Wahrscheinlich weil mein Verstand das sofort verdrängt.
Irgendwelche Leute sagen, vielleicht sogar Wissenschaftler, dass wir im Grunde die ganze Zeit schlafen und wenn wir annehmen wach zu sein, ist im Grunde nur unser Bewusstsein auf unsere vermeintliche Realität gerichtet. Unser Ego welches egal ob Schlaf- oder Wachzustand immer aktiv ist drängt sich im Wachzustand in den Vordergrund und taucht beim Schlafen partiell ab ins Unterbewusstsein.

Die Aborigines sagen dass der Schlaf oder der Traum die eigentliche Realität sei.

Kennst du luzides Träumen?
 
Antwort auf deine Frage, floppy: Ja, luzides Träumen kenne ich aus eigener Erfahrung, kam im Lauf der Jahrzehnte ab und zu vor. Damit habe ich aber nie bewusst experimentiert und bin auch nicht auf der Höhe der Debatte darüber.
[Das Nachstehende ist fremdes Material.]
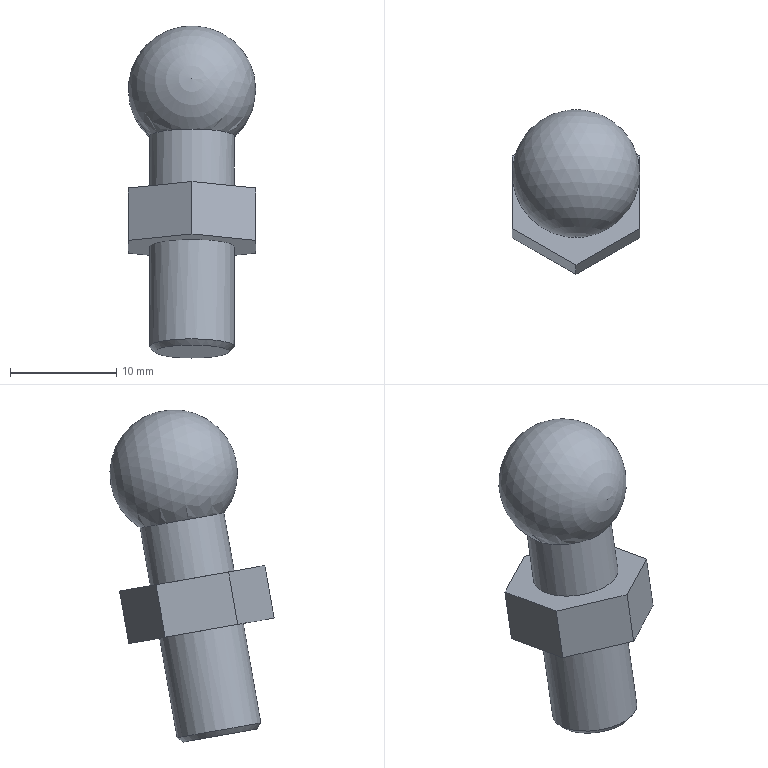Component | NX | BALL_JOINT_SCREW | 1 solid | 13 faces | box 12 x 15.43 x 31.23 mm | volume 2266 mm3 | plane 9 | cylinder 2 | sphere 1 | cone 1 | commonest cylinder face diameters 8 x2
STEP:
#1=CARTESIAN_POINT('',(0.,0.,0.));
#2=DIRECTION('',(0.,0.,1.));
#3=DIRECTION('',(1.,0.,0.));
#4=AXIS2_PLACEMENT_3D('',#1,#2,#3);
#5=CARTESIAN_POINT('',(102.166,147.569,85.412));
#6=VERTEX_POINT('',#5);
#7=CARTESIAN_POINT('',(102.166,151.508,84.718));
#8=DIRECTION('',(0.,0.1736,0.9848));
#9=DIRECTION('',(0.,-0.9848,0.1736));
#10=AXIS2_PLACEMENT_3D('',#7,#8,#9);
#11=CIRCLE('',#10,4.);
#12=CARTESIAN_POINT('',(102.166,150.548,79.274));
#13=DIRECTION('',(0.,0.1736,0.9848));
#14=DIRECTION('',(0.,-0.9848,0.1736));
#15=AXIS2_PLACEMENT_3D('',#12,#13,#14);
#16=CYLINDRICAL_SURFACE('',#15,4.);
#17=CARTESIAN_POINT('',(0.,5.528));
#18=DIRECTION('',(1.,0.));
#19=VECTOR('',#18,1.);
#20=LINE('',#17,#19);
#21=(GEOMETRIC_REPRESENTATION_CONTEXT(2)PARAMETRIC_REPRESENTATION_CONTEXT()REPRESENTATION_CONTEXT('',''));
#22=DEFINITIONAL_REPRESENTATION('',(#20),#21);
#23=PCURVE('',#16,#22);
#24=CARTESIAN_POINT('',(102.166,152.285,89.122));
#25=DIRECTION('',(0.,-0.9848,0.1736));
#26=DIRECTION('',(1.,0.,0.));
#27=AXIS2_PLACEMENT_3D('',#24,#25,#26);
#28=SPHERICAL_SURFACE('',#27,6.);
#29=CARTESIAN_POINT('',(4.712,0.7297));
#30=CARTESIAN_POINT('',(4.8,0.7303));
#31=CARTESIAN_POINT('',(4.966,0.7046));
#32=CARTESIAN_POINT('',(5.174,0.6029));
#33=CARTESIAN_POINT('',(5.316,0.4562));
#34=CARTESIAN_POINT('',(5.403,0.2829));
#35=CARTESIAN_POINT('',(5.444,0.09573));
#36=CARTESIAN_POINT('',(5.444,-0.09573));
#37=CARTESIAN_POINT('',(5.403,-0.2829));
#38=CARTESIAN_POINT('',(5.316,-0.4562));
#39=CARTESIAN_POINT('',(5.173,-0.6028));
#40=CARTESIAN_POINT('',(4.967,-0.7048));
#41=CARTESIAN_POINT('',(4.712,-0.7422));
#42=CARTESIAN_POINT('',(4.457,-0.7048));
#43=CARTESIAN_POINT('',(4.251,-0.6028));
#44=CARTESIAN_POINT('',(4.109,-0.4562));
#45=CARTESIAN_POINT('',(4.022,-0.2829));
#46=CARTESIAN_POINT('',(3.981,-0.09573));
#47=CARTESIAN_POINT('',(3.981,0.09573));
#48=CARTESIAN_POINT('',(4.022,0.2829));
#49=CARTESIAN_POINT('',(4.109,0.4562));
#50=CARTESIAN_POINT('',(4.251,0.6029));
#51=CARTESIAN_POINT('',(4.459,0.7046));
#52=CARTESIAN_POINT('',(4.625,0.7303));
#53=CARTESIAN_POINT('',(4.712,0.7297));
#54=B_SPLINE_CURVE_WITH_KNOTS('',3,(#29,#30,#31,#32,#33,#34,#35,#36,#37,#38,#39,#40,#41,#42,#43,#44,#45,#46,#47,#48,#49,#50,#51,#52,#53),.UNSPECIFIED.,.T.,.F.,(4,1,1,1,1,1,1,1,1,1,1,1,1,1,1,1,1,1,1,1,1,1,4),(0.,0.2856,0.5712,0.8568,1.142,1.428,1.714,1.999,2.285,2.57,2.856,3.142,3.427,3.713,3.998,4.284,4.57,4.855,5.141,5.426,5.712,5.998,6.283),.QUASI_UNIFORM_KNOTS.);
#55=(GEOMETRIC_REPRESENTATION_CONTEXT(2)PARAMETRIC_REPRESENTATION_CONTEXT()REPRESENTATION_CONTEXT('',''));
#56=DEFINITIONAL_REPRESENTATION('',(#54),#55);
#57=PCURVE('',#28,#56);
#58=SURFACE_CURVE('',#11,(#23,#57),.PCURVE_S1.);
#59=EDGE_CURVE('',#6,#6,#58,.T.);
#60=ORIENTED_EDGE('',*,*,#59,.F.);
#61=CARTESIAN_POINT('',(102.166,146.609,79.968));
#62=VERTEX_POINT('',#61);
#63=CARTESIAN_POINT('',(102.166,146.609,79.968));
#64=CARTESIAN_POINT('',(102.166,147.569,85.412));
#65=B_SPLINE_CURVE_WITH_KNOTS('',1,(#63,#64),.UNSPECIFIED.,.F.,.F.,(2,2),(0.,5.528),.PIECEWISE_BEZIER_KNOTS.);
#66=CARTESIAN_POINT('',(0.,0.));
#67=DIRECTION('',(0.,1.));
#68=VECTOR('',#67,1.);
#69=LINE('',#66,#68);
#70=(GEOMETRIC_REPRESENTATION_CONTEXT(2)PARAMETRIC_REPRESENTATION_CONTEXT()REPRESENTATION_CONTEXT('',''));
#71=DEFINITIONAL_REPRESENTATION('',(#69),#70);
#72=PCURVE('',#16,#71);
#73=CARTESIAN_POINT('',(6.283,0.));
#74=DIRECTION('',(0.,1.));
#75=VECTOR('',#74,1.);
#76=LINE('',#73,#75);
#77=(GEOMETRIC_REPRESENTATION_CONTEXT(2)PARAMETRIC_REPRESENTATION_CONTEXT()REPRESENTATION_CONTEXT('',''));
#78=DEFINITIONAL_REPRESENTATION('',(#76),#77);
#79=PCURVE('',#16,#78);
#80=SEAM_CURVE('',#65,(#72,#79),.PCURVE_S1.);
#81=EDGE_CURVE('',#62,#6,#80,.T.);
#82=ORIENTED_EDGE('',*,*,#81,.F.);
#83=CARTESIAN_POINT('',(106.166,150.548,79.274));
#84=VERTEX_POINT('',#83);
#85=CARTESIAN_POINT('',(102.166,150.548,79.274));
#86=DIRECTION('',(0.,-0.1736,-0.9848));
#87=DIRECTION('',(1.,0.,0.));
#88=AXIS2_PLACEMENT_3D('',#85,#86,#87);
#89=CIRCLE('',#88,4.);
#90=CARTESIAN_POINT('',(1.571,0.));
#91=DIRECTION('',(-1.,0.));
#92=VECTOR('',#91,1.);
#93=LINE('',#90,#92);
#94=(GEOMETRIC_REPRESENTATION_CONTEXT(2)PARAMETRIC_REPRESENTATION_CONTEXT()REPRESENTATION_CONTEXT('',''));
#95=DEFINITIONAL_REPRESENTATION('',(#93),#94);
#96=PCURVE('',#16,#95);
#97=CARTESIAN_POINT('',(102.166,150.548,79.274));
#98=DIRECTION('',(0.,-0.1736,-0.9848));
#99=DIRECTION('',(0.,0.9848,-0.1736));
#100=AXIS2_PLACEMENT_3D('',#97,#98,#99);
#101=PLANE('',#100);
#102=CARTESIAN_POINT('',(0.,0.));
#103=DIRECTION('',(0.,1.));
#104=AXIS2_PLACEMENT_2D('',#102,#103);
#105=CIRCLE('',#104,4.);
#106=(GEOMETRIC_REPRESENTATION_CONTEXT(2)PARAMETRIC_REPRESENTATION_CONTEXT()REPRESENTATION_CONTEXT('',''));
#107=DEFINITIONAL_REPRESENTATION('',(#105),#106);
#108=PCURVE('',#101,#107);
#109=SURFACE_CURVE('',#89,(#96,#108),.PCURVE_S1.);
#110=EDGE_CURVE('',#84,#62,#109,.T.);
#111=ORIENTED_EDGE('',*,*,#110,.F.);
#112=CARTESIAN_POINT('',(102.166,150.548,79.274));
#113=DIRECTION('',(0.,-0.1736,-0.9848));
#114=DIRECTION('',(1.,0.,0.));
#115=AXIS2_PLACEMENT_3D('',#112,#113,#114);
#116=CIRCLE('',#115,4.);
#117=CARTESIAN_POINT('',(7.854,0.));
#118=DIRECTION('',(-1.,0.));
#119=VECTOR('',#118,1.);
#120=LINE('',#117,#119);
#121=(GEOMETRIC_REPRESENTATION_CONTEXT(2)PARAMETRIC_REPRESENTATION_CONTEXT()REPRESENTATION_CONTEXT('',''));
#122=DEFINITIONAL_REPRESENTATION('',(#120),#121);
#123=PCURVE('',#16,#122);
#124=CARTESIAN_POINT('',(0.,0.));
#125=DIRECTION('',(0.,1.));
#126=AXIS2_PLACEMENT_2D('',#124,#125);
#127=CIRCLE('',#126,4.);
#128=(GEOMETRIC_REPRESENTATION_CONTEXT(2)PARAMETRIC_REPRESENTATION_CONTEXT()REPRESENTATION_CONTEXT('',''));
#129=DEFINITIONAL_REPRESENTATION('',(#127),#128);
#130=PCURVE('',#101,#129);
#131=SURFACE_CURVE('',#116,(#123,#130),.PCURVE_S1.);
#132=EDGE_CURVE('',#62,#84,#131,.T.);
#133=ORIENTED_EDGE('',*,*,#132,.F.);
#134=ORIENTED_EDGE('',*,*,#81,.T.);
#135=EDGE_LOOP('',(#60,#82,#111,#133,#134));
#136=FACE_BOUND('',#135,.T.);
#137=ADVANCED_FACE('',(#136),#16,.T.);
#138=ORIENTED_EDGE('',*,*,#59,.T.);
#139=EDGE_LOOP('',(#138));
#140=FACE_BOUND('',#139,.T.);
#141=CARTESIAN_POINT('',(102.166,158.194,88.08));
#142=VERTEX_POINT('',#141);
#143=VERTEX_LOOP('',#142);
#144=FACE_BOUND('',#143,.T.);
#145=ADVANCED_FACE('',(#140,#144),#28,.T.);
#146=CARTESIAN_POINT('',(96.166,147.137,79.875));
#147=VERTEX_POINT('',#146);
#148=CARTESIAN_POINT('',(96.166,153.96,78.672));
#149=VERTEX_POINT('',#148);
#150=CARTESIAN_POINT('',(96.166,147.137,79.875));
#151=DIRECTION('',(0.,0.9848,-0.1736));
#152=VECTOR('',#151,1.);
#153=LINE('',#150,#152);
#154=CARTESIAN_POINT('',(96.166,146.269,74.951));
#155=DIRECTION('',(1.,0.,0.));
#156=DIRECTION('',(0.,0.9848,-0.1736));
#157=AXIS2_PLACEMENT_3D('',#154,#155,#156);
#158=PLANE('',#157);
#159=CARTESIAN_POINT('',(0.,5.));
#160=DIRECTION('',(1.,0.));
#161=VECTOR('',#160,1.);
#162=LINE('',#159,#161);
#163=(GEOMETRIC_REPRESENTATION_CONTEXT(2)PARAMETRIC_REPRESENTATION_CONTEXT()REPRESENTATION_CONTEXT('',''));
#164=DEFINITIONAL_REPRESENTATION('',(#162),#163);
#165=PCURVE('',#158,#164);
#166=CARTESIAN_POINT('',(-3.464,-6.));
#167=DIRECTION('',(1.,0.));
#168=VECTOR('',#167,1.);
#169=LINE('',#166,#168);
#170=(GEOMETRIC_REPRESENTATION_CONTEXT(2)PARAMETRIC_REPRESENTATION_CONTEXT()REPRESENTATION_CONTEXT('',''));
#171=DEFINITIONAL_REPRESENTATION('',(#169),#170);
#172=PCURVE('',#101,#171);
#173=SURFACE_CURVE('',#153,(#165,#172),.PCURVE_S1.);
#174=EDGE_CURVE('',#147,#149,#173,.T.);
#175=ORIENTED_EDGE('',*,*,#174,.T.);
#176=CARTESIAN_POINT('',(96.166,153.092,73.748));
#177=VERTEX_POINT('',#176);
#178=CARTESIAN_POINT('',(96.166,153.092,73.748));
#179=DIRECTION('',(0.,0.1736,0.9848));
#180=VECTOR('',#179,1.);
#181=LINE('',#178,#180);
#182=CARTESIAN_POINT('',(6.928,0.));
#183=DIRECTION('',(0.,1.));
#184=VECTOR('',#183,1.);
#185=LINE('',#182,#184);
#186=(GEOMETRIC_REPRESENTATION_CONTEXT(2)PARAMETRIC_REPRESENTATION_CONTEXT()REPRESENTATION_CONTEXT('',''));
#187=DEFINITIONAL_REPRESENTATION('',(#185),#186);
#188=PCURVE('',#158,#187);
#189=CARTESIAN_POINT('',(96.166,153.092,73.748));
#190=DIRECTION('',(0.5,-0.8529,0.1504));
#191=DIRECTION('',(0.866,0.4924,-0.08682));
#192=AXIS2_PLACEMENT_3D('',#189,#190,#191);
#193=PLANE('',#192);
#194=CARTESIAN_POINT('',(0.,0.));
#195=DIRECTION('',(0.,1.));
#196=VECTOR('',#195,1.);
#197=LINE('',#194,#196);
#198=(GEOMETRIC_REPRESENTATION_CONTEXT(2)PARAMETRIC_REPRESENTATION_CONTEXT()REPRESENTATION_CONTEXT('',''));
#199=DEFINITIONAL_REPRESENTATION('',(#197),#198);
#200=PCURVE('',#193,#199);
#201=SURFACE_CURVE('',#181,(#188,#200),.PCURVE_S1.);
#202=EDGE_CURVE('',#177,#149,#201,.T.);
#203=ORIENTED_EDGE('',*,*,#202,.F.);
#204=CARTESIAN_POINT('',(96.166,146.269,74.951));
#205=VERTEX_POINT('',#204);
#206=CARTESIAN_POINT('',(96.166,146.269,74.951));
#207=DIRECTION('',(0.,0.9848,-0.1736));
#208=VECTOR('',#207,1.);
#209=LINE('',#206,#208);
#210=CARTESIAN_POINT('',(0.,0.));
#211=DIRECTION('',(1.,0.));
#212=VECTOR('',#211,1.);
#213=LINE('',#210,#212);
#214=(GEOMETRIC_REPRESENTATION_CONTEXT(2)PARAMETRIC_REPRESENTATION_CONTEXT()REPRESENTATION_CONTEXT('',''));
#215=DEFINITIONAL_REPRESENTATION('',(#213),#214);
#216=PCURVE('',#158,#215);
#217=CARTESIAN_POINT('',(102.166,149.68,74.35));
#218=DIRECTION('',(0.,-0.1736,-0.9848));
#219=DIRECTION('',(0.,0.9848,-0.1736));
#220=AXIS2_PLACEMENT_3D('',#217,#218,#219);
#221=PLANE('',#220);
#222=CARTESIAN_POINT('',(-3.464,-6.));
#223=DIRECTION('',(1.,0.));
#224=VECTOR('',#223,1.);
#225=LINE('',#222,#224);
#226=(GEOMETRIC_REPRESENTATION_CONTEXT(2)PARAMETRIC_REPRESENTATION_CONTEXT()REPRESENTATION_CONTEXT('',''));
#227=DEFINITIONAL_REPRESENTATION('',(#225),#226);
#228=PCURVE('',#221,#227);
#229=SURFACE_CURVE('',#209,(#216,#228),.PCURVE_S1.);
#230=EDGE_CURVE('',#205,#177,#229,.T.);
#231=ORIENTED_EDGE('',*,*,#230,.F.);
#232=CARTESIAN_POINT('',(96.166,146.269,74.951));
#233=DIRECTION('',(0.,0.1736,0.9848));
#234=VECTOR('',#233,1.);
#235=LINE('',#232,#234);
#236=CARTESIAN_POINT('',(0.,0.));
#237=DIRECTION('',(0.,1.));
#238=VECTOR('',#237,1.);
#239=LINE('',#236,#238);
#240=(GEOMETRIC_REPRESENTATION_CONTEXT(2)PARAMETRIC_REPRESENTATION_CONTEXT()REPRESENTATION_CONTEXT('',''));
#241=DEFINITIONAL_REPRESENTATION('',(#239),#240);
#242=PCURVE('',#158,#241);
#243=CARTESIAN_POINT('',(102.166,142.857,75.553));
#244=DIRECTION('',(0.5,0.8529,-0.1504));
#245=DIRECTION('',(-0.866,0.4924,-0.08682));
#246=AXIS2_PLACEMENT_3D('',#243,#244,#245);
#247=PLANE('',#246);
#248=CARTESIAN_POINT('',(6.928,-0.));
#249=DIRECTION('',(0.,1.));
#250=VECTOR('',#249,1.);
#251=LINE('',#248,#250);
#252=(GEOMETRIC_REPRESENTATION_CONTEXT(2)PARAMETRIC_REPRESENTATION_CONTEXT()REPRESENTATION_CONTEXT('',''));
#253=DEFINITIONAL_REPRESENTATION('',(#251),#252);
#254=PCURVE('',#247,#253);
#255=SURFACE_CURVE('',#235,(#242,#254),.PCURVE_S1.);
#256=EDGE_CURVE('',#205,#147,#255,.T.);
#257=ORIENTED_EDGE('',*,*,#256,.T.);
#258=EDGE_LOOP('',(#175,#203,#231,#257));
#259=FACE_BOUND('',#258,.T.);
#260=ADVANCED_FACE('',(#259),#158,.F.);
#261=CARTESIAN_POINT('',(102.166,157.371,78.071));
#262=VERTEX_POINT('',#261);
#263=CARTESIAN_POINT('',(96.166,153.96,78.672));
#264=DIRECTION('',(0.866,0.4924,-0.08682));
#265=VECTOR('',#264,1.);
#266=LINE('',#263,#265);
#267=CARTESIAN_POINT('',(0.,5.));
#268=DIRECTION('',(1.,0.));
#269=VECTOR('',#268,1.);
#270=LINE('',#267,#269);
#271=(GEOMETRIC_REPRESENTATION_CONTEXT(2)PARAMETRIC_REPRESENTATION_CONTEXT()REPRESENTATION_CONTEXT('',''));
#272=DEFINITIONAL_REPRESENTATION('',(#270),#271);
#273=PCURVE('',#193,#272);
#274=CARTESIAN_POINT('',(3.464,-6.));
#275=DIRECTION('',(0.5,0.866));
#276=VECTOR('',#275,1.);
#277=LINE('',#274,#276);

Was du eingangs anschneidest, ist wohl ein Grenzbereich zwischen philosophischer und naturwissenschaftlicher Fragestellung. Wenn wir uns vor Augen halten, dass unser Gehirn nie völlig pausiert, kann man schon aus dieser Perspektive heraus begründen, dass ein striktes Trennen zwischen Traum und Tagesrealität den Verhältnissen womöglich nicht gerecht wird.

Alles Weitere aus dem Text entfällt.